Here’s a quick run down of the 5 things I hate about RV living:

  1. Missing friends and family

  2. Lack of cheap unlimited internet

  3. Limited or Absolutely zero date nights

  4. Not having a laundry room

  5. Struggling to balance work and play

1 – Missing Friends and Family

RV living means leaving your friends and family behind. It means moving around. It means uprooting your life, packing into a tiny home on wheels and setting out for adventure. We had resettled in my hometown after our youngest was born. In three years we made amazing friends that we saw on nearly a daily basis. I was able able to reconnect with a childhood friend. Things were going so well. We were home. We were five minutes away from my parents. I had the support system that helped me get my 20 hours in each week. Then we left. Having said all that, we do make it home quite a bit, probably every 3 months and we tend to reconnect with our great friends and our family. We have also made many new friends on the road and there is a huge sense of community with others on the road. Still, there is no place like home and the people that you share so many beautiful moments with. RV Living

2 – Lack of Cheap Unlimited Internet

Okay, I know you are wondering why I care about internet access when this life is all about simplification and enjoying the great outdoors… It is about enjoying nature and simplicity, however, we still work and look after the kids education. I specifically work remotely from home, and also have a blog, a YouTube channel and we all love to watch YouTube and Netflix… let’s not forget gaming and homeschooling.  We prefer watching PBS, but sometimes can’t get antenna reception. RV living for us means we want the best of the great outdoors AND connectivity and access to all things internet. We have a Verizon hotspot which gives us 200gb of data. It sounds like a lot and it is, but not when its raining outside and we all want to watch something on our devices or when we are sick and want to binge watch Sherlock on Netflix. Yes we can read books, play board games and build with LEGOs on these rainy days, but after we’ve done all that we still want to watch something. And let’s not forget travel days…the kids are much happier (and so are we) when they can watch YouTube and Netflix while we are driving down the interstate. Anyway, the hotspot costs $185/month. It’s not terribly expensive, but it is when you consider we paid $100/month in our home and could run all the devices and computers with unlimited access.

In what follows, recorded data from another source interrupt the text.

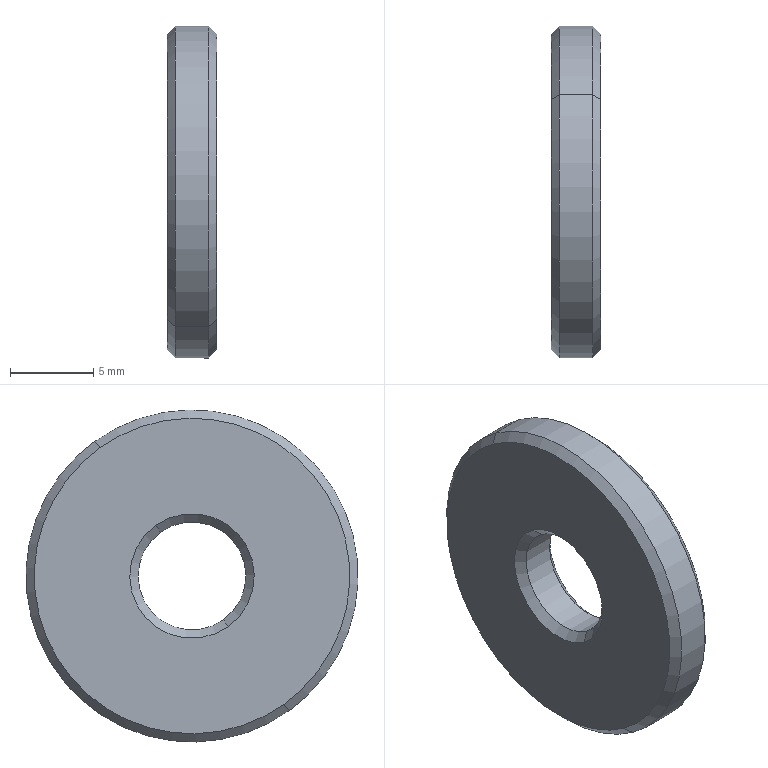Component | SolidWorks | CCD12DriveWheelRetainingRing-2 | 1 solid | 14 faces | box 3 x 20 x 20 mm | volume 822 mm3 | cone 8 | cylinder 4 | plane 2 | commonest cylinder face diameters 6.5 x2 20 x2
build123d program:
from build123d import *

# Parameters (mm, degrees)
SKETCH1_R           = 10
BOSS_EXTRUDE1_DEPTH = 3
SKETCH2_R           = 3.25
CUT_EXTRUDE1_DEPTH  = 15.457
CHAMFER1_SIZE       = 0.5


with BuildPart() as part:
    # Sketch1 → Boss-Extrude1 (new body)
    with BuildSketch(Plane.XY):
        Circle(SKETCH1_R)
    extrude(amount=BOSS_EXTRUDE1_DEPTH)

    # Sketch2 → Cut-Extrude1 (cut, through all)
    with BuildSketch(Plane.XY.offset(3)):
        Circle(SKETCH2_R)
    extrude(amount=-CUT_EXTRUDE1_DEPTH, mode=Mode.SUBTRACT)

    # Chamfer1
    chamfer1_edges = [part.edges().sort_by_distance(p)[0] for p in [
        (-3.25, 0, 0),
        (-3.25, 0, 3),
        (-10, 0, 0),
        (-10, 0, 3),
    ]]
    chamfer(chamfer1_edges, length=CHAMFER1_SIZE)


solid = part.part

# Placed as in the assembly
solid = solid.moved(Location((109.879, 107.251, -99), (0, 90, 0)))
STEP:
#1=CARTESIAN_POINT('',(4.326,4.441,-3.594));
#2=VERTEX_POINT('',#1);
#3=CARTESIAN_POINT('',(4.326,4.004,-4.201));
#4=VERTEX_POINT('',#3);
#5=CARTESIAN_POINT('',(4.326,4.222,-3.898));
#6=DIRECTION('',(-1.,0.,0.));
#7=DIRECTION('',(0.,0.5843,0.8116));
#8=AXIS2_PLACEMENT_3D('',#5,#6,#7);
#9=CIRCLE('',#8,0.374);
#10=EDGE_CURVE('',#2,#4,#9,.T.);
#11=ORIENTED_EDGE('',*,*,#10,.F.);
#12=CARTESIAN_POINT('',(4.346,4.453,-3.578));
#13=VERTEX_POINT('',#12);
#14=CARTESIAN_POINT('',(4.326,4.441,-3.594));
#15=DIRECTION('',(0.7071,0.4131,0.5739));
#16=VECTOR('',#15,39.37);
#17=LINE('',#14,#16);
#18=EDGE_CURVE('',#2,#13,#17,.T.);
#19=ORIENTED_EDGE('',*,*,#18,.T.);
#20=CARTESIAN_POINT('',(4.346,3.992,-4.217));
#21=VERTEX_POINT('',#20);
#22=CARTESIAN_POINT('',(4.346,4.222,-3.898));
#23=DIRECTION('',(1.,-0.,-0.));
#24=DIRECTION('',(0.,0.5843,0.8116));
#25=AXIS2_PLACEMENT_3D('',#22,#23,#24);
#26=CIRCLE('',#25,0.3937);
#27=EDGE_CURVE('',#21,#13,#26,.T.);
#28=ORIENTED_EDGE('',*,*,#27,.F.);
#29=CARTESIAN_POINT('',(4.326,4.004,-4.201));
#30=DIRECTION('',(0.7071,-0.4131,-0.5739));
#31=VECTOR('',#30,39.37);
#32=LINE('',#29,#31);
#33=EDGE_CURVE('',#4,#21,#32,.T.);
#34=ORIENTED_EDGE('',*,*,#33,.F.);
#35=EDGE_LOOP('',(#11,#19,#28,#34));
#36=FACE_OUTER_BOUND('',#35,.T.);
#37=CARTESIAN_POINT('',(4.326,4.222,-3.898));
#38=DIRECTION('',(1.,-0.,-0.));
#39=DIRECTION('',(-0.,-0.5843,-0.8116));
#40=AXIS2_PLACEMENT_3D('',#37,#38,#39);
#41=CONICAL_SURFACE('',#40,0.374,0.7854);
#42=ADVANCED_FACE('',(#36),#41,.T.);
#43=CARTESIAN_POINT('',(4.444,4.004,-4.201));
#44=VERTEX_POINT('',#43);
#45=CARTESIAN_POINT('',(4.444,4.441,-3.594));
#46=VERTEX_POINT('',#45);
#47=CARTESIAN_POINT('',(4.444,4.222,-3.898));
#48=DIRECTION('',(1.,-0.,-0.));
#49=DIRECTION('',(0.,0.5843,0.8116));
#50=AXIS2_PLACEMENT_3D('',#47,#48,#49);
#51=CIRCLE('',#50,0.374);
#52=EDGE_CURVE('',#44,#46,#51,.T.);
#53=ORIENTED_EDGE('',*,*,#52,.F.);
#54=CARTESIAN_POINT('',(4.424,3.992,-4.217));
#55=VERTEX_POINT('',#54);
#56=CARTESIAN_POINT('',(4.424,3.992,-4.217));
#57=DIRECTION('',(-0.7071,-0.4131,-0.5739));
#58=VECTOR('',#57,39.37);
#59=LINE('',#56,#58);
#60=EDGE_CURVE('',#44,#55,#59,.T.);
#61=ORIENTED_EDGE('',*,*,#60,.T.);
#62=CARTESIAN_POINT('',(4.424,4.453,-3.578));
#63=VERTEX_POINT('',#62);
#64=CARTESIAN_POINT('',(4.424,4.222,-3.898));
#65=DIRECTION('',(-1.,0.,0.));
#66=DIRECTION('',(0.,0.5843,0.8116));
#67=AXIS2_PLACEMENT_3D('',#64,#65,#66);
#68=CIRCLE('',#67,0.3937);
#69=EDGE_CURVE('',#63,#55,#68,.T.);
#70=ORIENTED_EDGE('',*,*,#69,.F.);
#71=CARTESIAN_POINT('',(4.424,4.453,-3.578));
#72=DIRECTION('',(-0.7071,0.4131,0.5739));
#73=VECTOR('',#72,39.37);
#74=LINE('',#71,#73);
#75=EDGE_CURVE('',#46,#63,#74,.T.);
#76=ORIENTED_EDGE('',*,*,#75,.F.);
#77=EDGE_LOOP('',(#53,#61,#70,#76));
#78=FACE_OUTER_BOUND('',#77,.T.);
#79=CARTESIAN_POINT('',(4.424,4.222,-3.898));
#80=DIRECTION('',(-1.,0.,0.));
#81=DIRECTION('',(0.,0.5843,0.8116));
#82=AXIS2_PLACEMENT_3D('',#79,#80,#81);
#83=CONICAL_SURFACE('',#82,0.3937,0.7854);
#84=ADVANCED_FACE('',(#78),#83,.T.);
#85=CARTESIAN_POINT('',(4.346,4.148,-4.001));
#86=VERTEX_POINT('',#85);
#87=CARTESIAN_POINT('',(4.346,4.297,-3.794));
#88=VERTEX_POINT('',#87);
#89=CARTESIAN_POINT('',(4.346,4.222,-3.898));
#90=DIRECTION('',(-1.,0.,0.));
#91=DIRECTION('',(0.,0.5843,0.8116));
#92=AXIS2_PLACEMENT_3D('',#89,#90,#91);
#93=CIRCLE('',#92,0.128);
#94=EDGE_CURVE('',#86,#88,#93,.T.);
#95=ORIENTED_EDGE('',*,*,#94,.F.);
#96=CARTESIAN_POINT('',(4.326,4.136,-4.017));
#97=VERTEX_POINT('',#96);
#98=CARTESIAN_POINT('',(4.346,4.148,-4.001));
#99=DIRECTION('',(-0.7071,-0.4131,-0.5739));
#100=VECTOR('',#99,39.37);
#101=LINE('',#98,#100);
#102=EDGE_CURVE('',#86,#97,#101,.T.);
#103=ORIENTED_EDGE('',*,*,#102,.T.);
#104=CARTESIAN_POINT('',(4.326,4.309,-3.778));
#105=VERTEX_POINT('',#104);
#106=CARTESIAN_POINT('',(4.326,4.222,-3.898));
#107=DIRECTION('',(1.,-0.,-0.));
#108=DIRECTION('',(0.,0.5843,0.8116));
#109=AXIS2_PLACEMENT_3D('',#106,#107,#108);
#110=CIRCLE('',#109,0.1476);
#111=EDGE_CURVE('',#105,#97,#110,.T.);
#112=ORIENTED_EDGE('',*,*,#111,.F.);
#113=CARTESIAN_POINT('',(4.346,4.297,-3.794));
#114=DIRECTION('',(-0.7071,0.4131,0.5739));
#115=VECTOR('',#114,39.37);
#116=LINE('',#113,#115);
#117=EDGE_CURVE('',#88,#105,#116,.T.);
#118=ORIENTED_EDGE('',*,*,#117,.F.);
#119=EDGE_LOOP('',(#95,#103,#112,#118));
#120=FACE_OUTER_BOUND('',#119,.T.);
#121=CARTESIAN_POINT('',(4.346,4.222,-3.898));
#122=DIRECTION('',(-1.,0.,0.));
#123=DIRECTION('',(0.,0.5843,0.8116));
#124=AXIS2_PLACEMENT_3D('',#121,#122,#123);
#125=CONICAL_SURFACE('',#124,0.128,0.7854);
#126=ADVANCED_FACE('',(#120),#125,.F.);
#127=CARTESIAN_POINT('',(4.424,4.297,-3.794));
#128=VERTEX_POINT('',#127);
#129=CARTESIAN_POINT('',(4.424,4.148,-4.001));
#130=VERTEX_POINT('',#129);
#131=CARTESIAN_POINT('',(4.424,4.222,-3.898));
#132=DIRECTION('',(1.,-0.,-0.));
#133=DIRECTION('',(0.,0.5843,0.8116));
#134=AXIS2_PLACEMENT_3D('',#131,#132,#133);
#135=CIRCLE('',#134,0.128);
#136=EDGE_CURVE('',#128,#130,#135,.T.);
#137=ORIENTED_EDGE('',*,*,#136,.F.);
#138=CARTESIAN_POINT('',(4.444,4.309,-3.778));
#139=VERTEX_POINT('',#138);
#140=CARTESIAN_POINT('',(4.444,4.309,-3.778));
#141=DIRECTION('',(0.7071,0.4131,0.5739));
#142=VECTOR('',#141,39.37);
#143=LINE('',#140,#142);
#144=EDGE_CURVE('',#128,#139,#143,.T.);
#145=ORIENTED_EDGE('',*,*,#144,.T.);
#146=CARTESIAN_POINT('',(4.444,4.136,-4.017));
#147=VERTEX_POINT('',#146);
#148=CARTESIAN_POINT('',(4.444,4.222,-3.898));
#149=DIRECTION('',(-1.,0.,0.));
#150=DIRECTION('',(0.,0.5843,0.8116));
#151=AXIS2_PLACEMENT_3D('',#148,#149,#150);
#152=CIRCLE('',#151,0.1476);
#153=EDGE_CURVE('',#147,#139,#152,.T.);
#154=ORIENTED_EDGE('',*,*,#153,.F.);
#155=CARTESIAN_POINT('',(4.444,4.136,-4.017));
#156=DIRECTION('',(0.7071,-0.4131,-0.5739));
#157=VECTOR('',#156,39.37);
#158=LINE('',#155,#157);
#159=EDGE_CURVE('',#130,#147,#158,.T.);
#160=ORIENTED_EDGE('',*,*,#159,.F.);
#161=EDGE_LOOP('',(#137,#145,#154,#160));
#162=FACE_OUTER_BOUND('',#161,.T.);
#163=CARTESIAN_POINT('',(4.444,4.222,-3.898));
#164=DIRECTION('',(1.,-0.,-0.));
#165=DIRECTION('',(-0.,-0.5843,-0.8116));
#166=AXIS2_PLACEMENT_3D('',#163,#164,#165);
#167=CONICAL_SURFACE('',#166,0.1476,0.7854);
#168=ADVANCED_FACE('',(#162),#167,.F.);
#169=ORIENTED_EDGE('',*,*,#136,.T.);
#170=CARTESIAN_POINT('',(4.444,4.148,-4.001));
#171=DIRECTION('',(-1.,0.,0.));
#172=VECTOR('',#171,39.37);
#173=LINE('',#170,#172);
#174=EDGE_CURVE('',#130,#86,#173,.T.);
#175=ORIENTED_EDGE('',*,*,#174,.T.);
#176=ORIENTED_EDGE('',*,*,#94,.T.);
#177=CARTESIAN_POINT('',(4.444,4.297,-3.794));
#178=DIRECTION('',(-1.,0.,0.));
#179=VECTOR('',#178,39.37);
#180=LINE('',#177,#179);
#181=EDGE_CURVE('',#128,#88,#180,.T.);
#182=ORIENTED_EDGE('',*,*,#181,.F.);
#183=EDGE_LOOP('',(#169,#175,#176,#182));
#184=FACE_OUTER_BOUND('',#183,.T.);
#185=CARTESIAN_POINT('',(4.444,4.222,-3.898));
#186=DIRECTION('',(-1.,0.,0.));
#187=DIRECTION('',(0.,0.5843,0.8116));
#188=AXIS2_PLACEMENT_3D('',#185,#186,#187);
#189=CYLINDRICAL_SURFACE('',#188,0.128);
#190=ADVANCED_FACE('',(#184),#189,.F.);
#191=ORIENTED_EDGE('',*,*,#27,.T.);
#192=CARTESIAN_POINT('',(4.326,4.453,-3.578));
#193=DIRECTION('',(1.,-0.,-0.));
#194=VECTOR('',#193,39.37);
#195=LINE('',#192,#194);
#196=EDGE_CURVE('',#13,#63,#195,.T.);
#197=ORIENTED_EDGE('',*,*,#196,.T.);
#198=ORIENTED_EDGE('',*,*,#69,.T.);
#199=CARTESIAN_POINT('',(4.326,3.992,-4.217));
#200=DIRECTION('',(1.,-0.,-0.));
#201=VECTOR('',#200,39.37);
#202=LINE('',#199,#201);
#203=EDGE_CURVE('',#21,#55,#202,.T.);
#204=ORIENTED_EDGE('',*,*,#203,.F.);
#205=EDGE_LOOP('',(#191,#197,#198,#204));
#206=FACE_OUTER_BOUND('',#205,.T.);
#207=CARTESIAN_POINT('',(4.326,4.222,-3.898));
#208=DIRECTION('',(1.,-0.,-0.));
#209=DIRECTION('',(-0.,-0.5843,-0.8116));
#210=AXIS2_PLACEMENT_3D('',#207,#208,#209);
#211=CYLINDRICAL_SURFACE('',#210,0.3937);
#212=ADVANCED_FACE('',(#206),#211,.T.);
#213=ORIENTED_EDGE('',*,*,#196,.F.);
#214=CARTESIAN_POINT('',(4.346,4.222,-3.898));
#215=DIRECTION('',(1.,-0.,-0.));
#216=DIRECTION('',(0.,0.5843,0.8116));
#217=AXIS2_PLACEMENT_3D('',#214,#215,#216);
#218=CIRCLE('',#217,0.3937);
#219=EDGE_CURVE('',#13,#21,#218,.T.);
#220=ORIENTED_EDGE('',*,*,#219,.T.);
#221=ORIENTED_EDGE('',*,*,#203,.T.);
#222=CARTESIAN_POINT('',(4.424,4.222,-3.898));
#223=DIRECTION('',(-1.,0.,0.));
#224=DIRECTION('',(0.,0.5843,0.8116));
#225=AXIS2_PLACEMENT_3D('',#222,#223,#224);
#226=CIRCLE('',#225,0.3937);
#227=EDGE_CURVE('',#55,#63,#226,.T.);
#228=ORIENTED_EDGE('',*,*,#227,.T.);
#229=EDGE_LOOP('',(#213,#220,#221,#228));
#230=FACE_OUTER_BOUND('',#229,.T.);
#231=CARTESIAN_POINT('',(4.326,4.222,-3.898));
#232=DIRECTION('',(1.,-0.,-0.));
#233=DIRECTION('',(-0.,-0.5843,-0.8116));
#234=AXIS2_PLACEMENT_3D('',#231,#232,#233);
#235=CYLINDRICAL_SURFACE('',#234,0.3937);
#236=ADVANCED_FACE('',(#230),#235,.T.);
#237=ORIENTED_EDGE('',*,*,#111,.T.);
#238=CARTESIAN_POINT('',(4.326,4.222,-3.898));
#239=DIRECTION('',(1.,-0.,-0.));
#240=DIRECTION('',(0.,0.5843,0.8116));
#241=AXIS2_PLACEMENT_3D('',#238,#239,#240);
#242=CIRCLE('',#241,0.1476);
#243=EDGE_CURVE('',#97,#105,#242,.T.);
#244=ORIENTED_EDGE('',*,*,#243,.T.);
#245=EDGE_LOOP('',(#237,#244));
#246=FACE_BOUND('',#245,.T.);
#247=CARTESIAN_POINT('',(4.326,4.222,-3.898));
#248=DIRECTION('',(-1.,0.,0.));
#249=DIRECTION('',(0.,0.5843,0.8116));
#250=AXIS2_PLACEMENT_3D('',#247,#248,#249);
#251=CIRCLE('',#250,0.374);
#252=EDGE_CURVE('',#4,#2,#251,.T.);
#253=ORIENTED_EDGE('',*,*,#252,.T.);
#254=ORIENTED_EDGE('',*,*,#10,.T.);
#255=EDGE_LOOP('',(#253,#254));
#256=FACE_OUTER_BOUND('',#255,.T.);
#257=CARTESIAN_POINT('',(4.326,4.222,-3.898));
#258=DIRECTION('',(-1.,0.,0.));
#259=DIRECTION('',(0.,0.5843,0.8116));
#260=AXIS2_PLACEMENT_3D('',#257,#258,#259);
#261=PLANE('',#260);
#262=ADVANCED_FACE('',(#246,#256),#261,.T.);
#263=ORIENTED_EDGE('',*,*,#153,.T.);
#264=CARTESIAN_POINT('',(4.444,4.222,-3.898));
#265=DIRECTION('',(-1.,0.,0.));
#266=DIRECTION('',(0.,0.5843,0.8116));
#267=AXIS2_PLACEMENT_3D('',#264,#265,#266);
#268=CIRCLE('',#267,0.1476);
#269=EDGE_CURVE('',#139,#147,#268,.T.);
#270=ORIENTED_EDGE('',*,*,#269,.T.);
#271=EDGE_LOOP('',(#263,#270));
#272=FACE_BOUND('',#271,.T.);
#273=CARTESIAN_POINT('',(4.444,4.222,-3.898));
#274=DIRECTION('',(1.,-0.,-0.));
#275=DIRECTION('',(0.,0.5843,0.8116));
#276=AXIS2_PLACEMENT_3D('',#273,#274,#275);
#277=CIRCLE('',#276,0.374);
#278=EDGE_CURVE('',#46,#44,#277,.T.);
#279=ORIENTED_EDGE('',*,*,#278,.T.);
#280=ORIENTED_EDGE('',*,*,#52,.T.);
#281=EDGE_LOOP('',(#279,#280));
#282=FACE_OUTER_BOUND('',#281,.T.);
#283=CARTESIAN_POINT('',(4.444,4.222,-3.898));
#284=DIRECTION('',(-1.,0.,0.));
#285=DIRECTION('',(0.,0.5843,0.8116));
#286=AXIS2_PLACEMENT_3D('',#283,#284,#285);
#287=PLANE('',#286);
#288=ADVANCED_FACE('',(#272,#282),#287,.F.);
#289=ORIENTED_EDGE('',*,*,#174,.F.);
#290=CARTESIAN_POINT('',(4.424,4.222,-3.898));
#291=DIRECTION('',(1.,-0.,-0.));
#292=DIRECTION('',(0.,0.5843,0.8116));
#293=AXIS2_PLACEMENT_3D('',#290,#291,#292);
#294=CIRCLE('',#293,0.128);
#295=EDGE_CURVE('',#130,#128,#294,.T.);
#296=ORIENTED_EDGE('',*,*,#295,.T.);
#297=ORIENTED_EDGE('',*,*,#181,.T.);
#298=CARTESIAN_POINT('',(4.346,4.222,-3.898));
#299=DIRECTION('',(-1.,0.,0.));
#300=DIRECTION('',(0.,0.5843,0.8116));
#301=AXIS2_PLACEMENT_3D('',#298,#299,#300);
#302=CIRCLE('',#301,0.128);
#303=EDGE_CURVE('',#88,#86,#302,.T.);
#304=ORIENTED_EDGE('',*,*,#303,.T.);
#305=EDGE_LOOP('',(#289,#296,#297,#304));
#306=FACE_OUTER_BOUND('',#305,.T.);
#307=CARTESIAN_POINT('',(4.444,4.222,-3.898));
#308=DIRECTION('',(-1.,0.,0.));
#309=DIRECTION('',(0.,0.5843,0.8116));
#310=AXIS2_PLACEMENT_3D('',#307,#308,#309);
#311=CYLINDRICAL_SURFACE('',#310,0.128);
#312=ADVANCED_FACE('',(#306),#311,.F.);
#313=ORIENTED_EDGE('',*,*,#144,.F.);
#314=ORIENTED_EDGE('',*,*,#295,.F.);
#315=ORIENTED_EDGE('',*,*,#159,.T.);
#316=ORIENTED_EDGE('',*,*,#269,.F.);
#317=EDGE_LOOP('',(#313,#314,#315,#316));
#318=FACE_OUTER_BOUND('',#317,.T.);
#319=CARTESIAN_POINT('',(4.444,4.222,-3.898));
#320=DIRECTION('',(1.,-0.,-0.));
#321=DIRECTION('',(-0.,-0.5843,-0.8116));
#322=AXIS2_PLACEMENT_3D('',#319,#320,#321);
#323=CONICAL_SURFACE('',#322,0.1476,0.7854);
#324=ADVANCED_FACE('',(#318),#323,.F.);
#325=ORIENTED_EDGE('',*,*,#102,.F.);
#326=ORIENTED_EDGE('',*,*,#303,.F.);
#327=ORIENTED_EDGE('',*,*,#117,.T.);
#328=ORIENTED_EDGE('',*,*,#243,.F.);
#329=EDGE_LOOP('',(#325,#326,#327,#328));
#330=FACE_OUTER_BOUND('',#329,.T.);
#331=CARTESIAN_POINT('',(4.346,4.222,-3.898));
#332=DIRECTION('',(-1.,0.,0.));
#333=DIRECTION('',(0.,0.5843,0.8116));
#334=AXIS2_PLACEMENT_3D('',#331,#332,#333);
#335=CONICAL_SURFACE('',#334,0.128,0.7854);
#336=ADVANCED_FACE('',(#330),#335,.F.);
#337=ORIENTED_EDGE('',*,*,#60,.F.);
#338=ORIENTED_EDGE('',*,*,#278,.F.);
#339=ORIENTED_EDGE('',*,*,#75,.T.);
#340=ORIENTED_EDGE('',*,*,#227,.F.);
#341=EDGE_LOOP('',(#337,#338,#339,#340));
#342=FACE_OUTER_BOUND('',#341,.T.);
#343=CARTESIAN_POINT('',(4.424,4.222,-3.898));
#344=DIRECTION('',(-1.,0.,0.));
#345=DIRECTION('',(0.,0.5843,0.8116));
#346=AXIS2_PLACEMENT_3D('',#343,#344,#345);
#347=CONICAL_SURFACE('',#346,0.3937,0.7854);
#348=ADVANCED_FACE('',(#342),#347,.T.);
#349=ORIENTED_EDGE('',*,*,#18,.F.);
#350=ORIENTED_EDGE('',*,*,#252,.F.);
#351=ORIENTED_EDGE('',*,*,#33,.T.);
#352=ORIENTED_EDGE('',*,*,#219,.F.);
#353=EDGE_LOOP('',(#349,#350,#351,#352));
#354=FACE_OUTER_BOUND('',#353,.T.);
#355=CARTESIAN_POINT('',(4.326,4.222,-3.898));
#356=DIRECTION('',(1.,-0.,-0.));
#357=DIRECTION('',(-0.,-0.5843,-0.8116));
#358=AXIS2_PLACEMENT_3D('',#355,#356,#357);
#359=CONICAL_SURFACE('',#358,0.374,0.7854);
#360=ADVANCED_FACE('',(#354),#359,.T.);
#361=CLOSED_SHELL('',(#42,#84,#126,#168,#190,#212,#236,#262,#288,#312,#324,#336,#348,#360));
#362=MANIFOLD_SOLID_BREP('',#361);
#363=CARTESIAN_POINT('',(0.,0.,0.));
#364=DIRECTION('',(0.,0.,1.));
#365=DIRECTION('',(1.,0.,0.));
#366=AXIS2_PLACEMENT_3D('',#363,#364,#365);
#367=(LENGTH_UNIT()NAMED_UNIT(*)SI_UNIT($,.METRE.));
#368=LENGTH_MEASURE_WITH_UNIT(LENGTH_MEASURE(0.0254),#367);
#369=DIMENSIONAL_EXPONENTS(1.,0.,0.,0.,0.,0.,0.);
#370=(CONVERSION_BASED_UNIT('',#368)LENGTH_UNIT()NAMED_UNIT(#369));
#371=UNCERTAINTY_MEASURE_WITH_UNIT(LENGTH_MEASURE(0.00001),#370,'','');
#372=(NAMED_UNIT(*)PLANE_ANGLE_UNIT()SI_UNIT($,.RADIAN.));
#373=(NAMED_UNIT(*)SI_UNIT($,.STERADIAN.)SOLID_ANGLE_UNIT());
#374=(GEOMETRIC_REPRESENTATION_CONTEXT(3)GLOBAL_UNCERTAINTY_ASSIGNED_CONTEXT((#371))GLOBAL_UNIT_ASSIGNED_CONTEXT((#370,#372,#373))REPRESENTATION_CONTEXT('',''));
#375=ADVANCED_BREP_SHAPE_REPRESENTATION('',(#362,#366),#374);
#376=COLOUR_RGB('',0.7922,0.8196,0.9333);
#377=FILL_AREA_STYLE_COLOUR('',#376);
#378=FILL_AREA_STYLE('',(#377));
#379=SURFACE_STYLE_FILL_AREA(#378);
#380=SURFACE_SIDE_STYLE('',(#379));
#381=SURFACE_STYLE_USAGE(.BOTH.,#380);
#382=PRESENTATION_STYLE_ASSIGNMENT((#381));
#383=STYLED_ITEM('',(#382),#362);
#384=(LENGTH_UNIT()NAMED_UNIT(*)SI_UNIT($,.METRE.));
#385=LENGTH_MEASURE_WITH_UNIT(LENGTH_MEASURE(0.0254),#384);
#386=DIMENSIONAL_EXPONENTS(1.,0.,0.,0.,0.,0.,0.);
#387=(CONVERSION_BASED_UNIT('',#385)LENGTH_UNIT()NAMED_UNIT(#386));
#388=UNCERTAINTY_MEASURE_WITH_UNIT(LENGTH_MEASURE(0.00001),#387,'','');
#389=(NAMED_UNIT(*)PLANE_ANGLE_UNIT()SI_UNIT($,.RADIAN.));
#390=(NAMED_UNIT(*)SI_UNIT($,.STERADIAN.)SOLID_ANGLE_UNIT());
#391=(GEOMETRIC_REPRESENTATION_CONTEXT(3)GLOBAL_UNCERTAINTY_ASSIGNED_CONTEXT((#388))GLOBAL_UNIT_ASSIGNED_CONTEXT((#387,#389,#390))REPRESENTATION_CONTEXT('',''));
#392=MECHANICAL_DESIGN_GEOMETRIC_PRESENTATION_REPRESENTATION('',(#383),#391);
#393=PRESENTATION_LAYER_ASSIGNMENT('','',(#383));

3 – Limited or Absolutely zero date nights

I love my hubby. We have been married nearly 14 years. When we were in my hometown we were able to go on dates every month, sometimes even more than that. It was fantastic. We enjoyed 3 years of that before RV living. As soon as we started on this journey, the dates ended. Twenty-six feet of living with 2 kids is great, but I miss quiet time with my husband. Whenever we go home we try to get a date night or two in, but we don’t always get to. Now that the kids are getting a tiny bit older, we can leave them in the RV with walkie talkies and take short walks. Even that 30 minute walk helps us reconnect and helps keep our marriage and relationship strong. We are learning to be creative: coffee time in the mornings, walks on a beautiful day, text messages (yes, even when we are in the RV together), etc.

RV Living

4 – Not Having a Laundry Room

I never knew how much I loved my laundry room until I didn’t have one. This the first time in 30 years that I have not had a laundry room!! There is nothing like having a place where you can dump dirty laundry and walk away knowing you won’t be tripping over it every 10 minutes. RV living means getting creative with the dirty laundry. Even if you have an on-board washer and dryer, you still have a very small space to store and process laundry. We don’t have a washer or dryer. This means it is the laundromat for us. We prefer using the onsite laundry facilities since they are close to our RV and support the RV park where we are staying, especially if it is a privately owned park. On occasion we have used public laundromats, but that means driving somewhere for several hours, although it might save us a bit of a money. On rare occasions we find ourselves hand-washing a few things or only washing and not drying the clothes (saves money). We have survived so far, but I find myself searching amazon for portable washing machines at least once a month…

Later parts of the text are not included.